27. Diamond, graphite and fullerene all consist of only carbon. All of these specimens have absorption peaks around 284 eV in EELS corresponding to the existence of carbon atoms. From the fine structure of the absorption peak, the difference in bonding state and local electronic state can be detected. The sharp peak at absorption edge corresponds to the excitation of carbon K-shell electron (1s electron) to empty anti-bonding pi-orbital. It is not observed for diamond, because of no pi-electron in it. eels.kuicr.kyoto-u.ac.jp/eels.en.html

28. LEO Omega system uses four prisms and no electrostatic mirrors.

29. LEO holds the patent on in-column energy filtering devices.

30. The Gatan Imaging Filter (GIF) is an add-on device that can be attached to any TEM. Like the in-column prisms it can separate the signal based on changes in wavelength (energy) and use the results for either EELS or ESI.

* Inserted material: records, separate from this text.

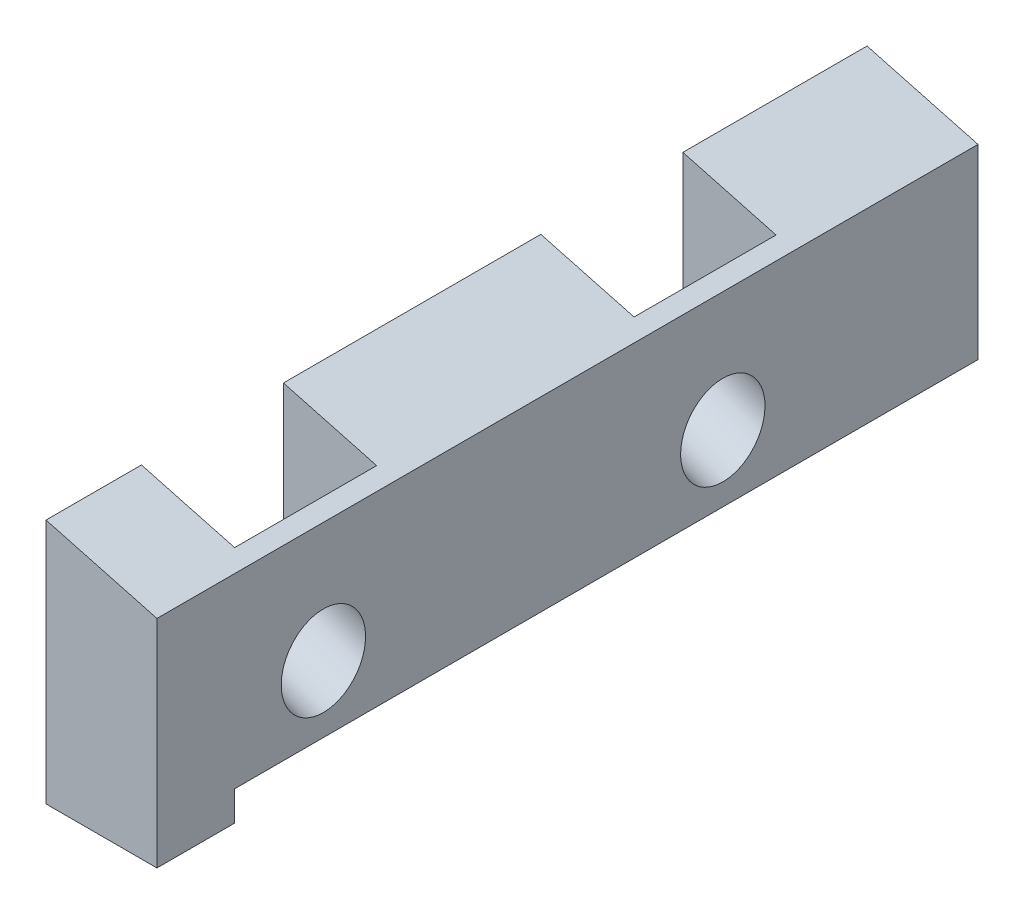
from build123d import *

# Parameters (mm, degrees)
BOSS_EXTRUDE1_DEPTH = 185
BOSS_EXTRUDE2_DEPTH = 35
CUT_EXTRUDE1_START  = 110
CUT_EXTRUDE1_DEPTH  = 32
CUT_EXTRUDE2_START  = -70
CUT_EXTRUDE2_DEPTH  = 32
SKETCH8_W           = 82.186037081
SKETCH8_H           = 19
LPATTERN1_COUNT     = 2
LPATTERN1_PITCH     = 180


with BuildPart() as part:
    # Sketch1 → Boss-Extrude1 (new, symmetric)
    with BuildSketch(Plane.XY):
        Polygon((0, 0), (50, 13.397459622), (50, 97.397459622), (0, 110.794919243), align=None)
    extrude(amount=BOSS_EXTRUDE1_DEPTH, both=True)

    # Sketch2 → Boss-Extrude2 (add)
    with BuildSketch(Plane.XY.offset(185)):
        Polygon((0, 0), (50, 0), (50, 13.397459622), align=None)
    extrude(amount=-BOSS_EXTRUDE2_DEPTH)

    # Sketch3 → Cut-Extrude1 (cut, symmetric)
    with BuildSketch(Plane.XY.offset(CUT_EXTRUDE1_START)):
        Polygon((16.51733163, 4.425805671), (42.003158605, 99.540206815), (0, 110.794919243), (0, 0), align=None)
    extrude(amount=CUT_EXTRUDE1_DEPTH, both=True, mode=Mode.SUBTRACT)

    # Sketch4 → Cut-Extrude2 (cut, symmetric)
    with BuildSketch(Plane.XY.offset(CUT_EXTRUDE2_START)):
        Polygon((16.51733163, 4.425805671), (0, 0), (0, 110.794919243), (42.003158605, 99.540206815), align=None)
    extrude(amount=CUT_EXTRUDE2_DEPTH, both=True, mode=Mode.SUBTRACT)

    # Sketch8 → Cut-Revolve1 (revolve, cut)
    with BuildSketch(Plane(origin=(19.79656359, 54.390611447, 0), x_dir=(-0.9396926207859083, 0.3420201433256693, 0), z_dir=(0.3420201433256693, 0.9396926207859083, 0)), mode=Mode.PRIVATE) as cut_revolve1_sk:
        with Locations((-10.891297764, -60.5)):
            Rectangle(SKETCH8_W, SKETCH8_H)
    cut_revolve1 = revolve(cut_revolve1_sk.sketch.rotate(Axis((24.894680211, 52.535048747, -70), (-0.9396926207859082, 0.3420201433256693, 0)), 270), axis=Axis((24.894680211, 52.535048747, -70), (-0.9396926207859082, 0.3420201433256693, 0)), mode=Mode.SUBTRACT)

    # LPattern1: Cut-Revolve1 ×2
    with Locations(*[(0, 0, i * LPATTERN1_PITCH) for i in range(1, LPATTERN1_COUNT)]):
        add(cut_revolve1, mode=Mode.SUBTRACT)


solid = part.part

31. The GIF suffers from the drawback that it cannot create an image directly but must do so by mapping. Thus a GIF unit must be attached to a STEM.

32. At $200K+ the GIF is not for every lab and it occupies the port normally used for high resolution digital cameras.

33. Advantages of EELS, ESI, and Zero-loss imaging: Elemental Analysis (B-Uun) Elemental Imaging and Mapping Improved contrast without loss of resolution Thick specimen imaging Disadvantages: Elemental analysis requires very thin specimens (10-20nm) Mucho $$$ (LEO TEM or GIF on a STEM)

34. Diffraction contrast images of TiAlV alloy taken on LEO 922 From top left: a) unfiltered, b) zero loss filtered c) ESI 150eV, d) ESI 300eV. Energy width for ESI = 35eV

35. High resolution elemental distribution imaging using elemental spectroscopic imaging (ESI) is an optimal complement to high resolution imaging. It provides important additional information about specimen structures. This highly sensitive and fast imaging method can show element demarcations and element distributions with a resolution in the nanometer range within minutes.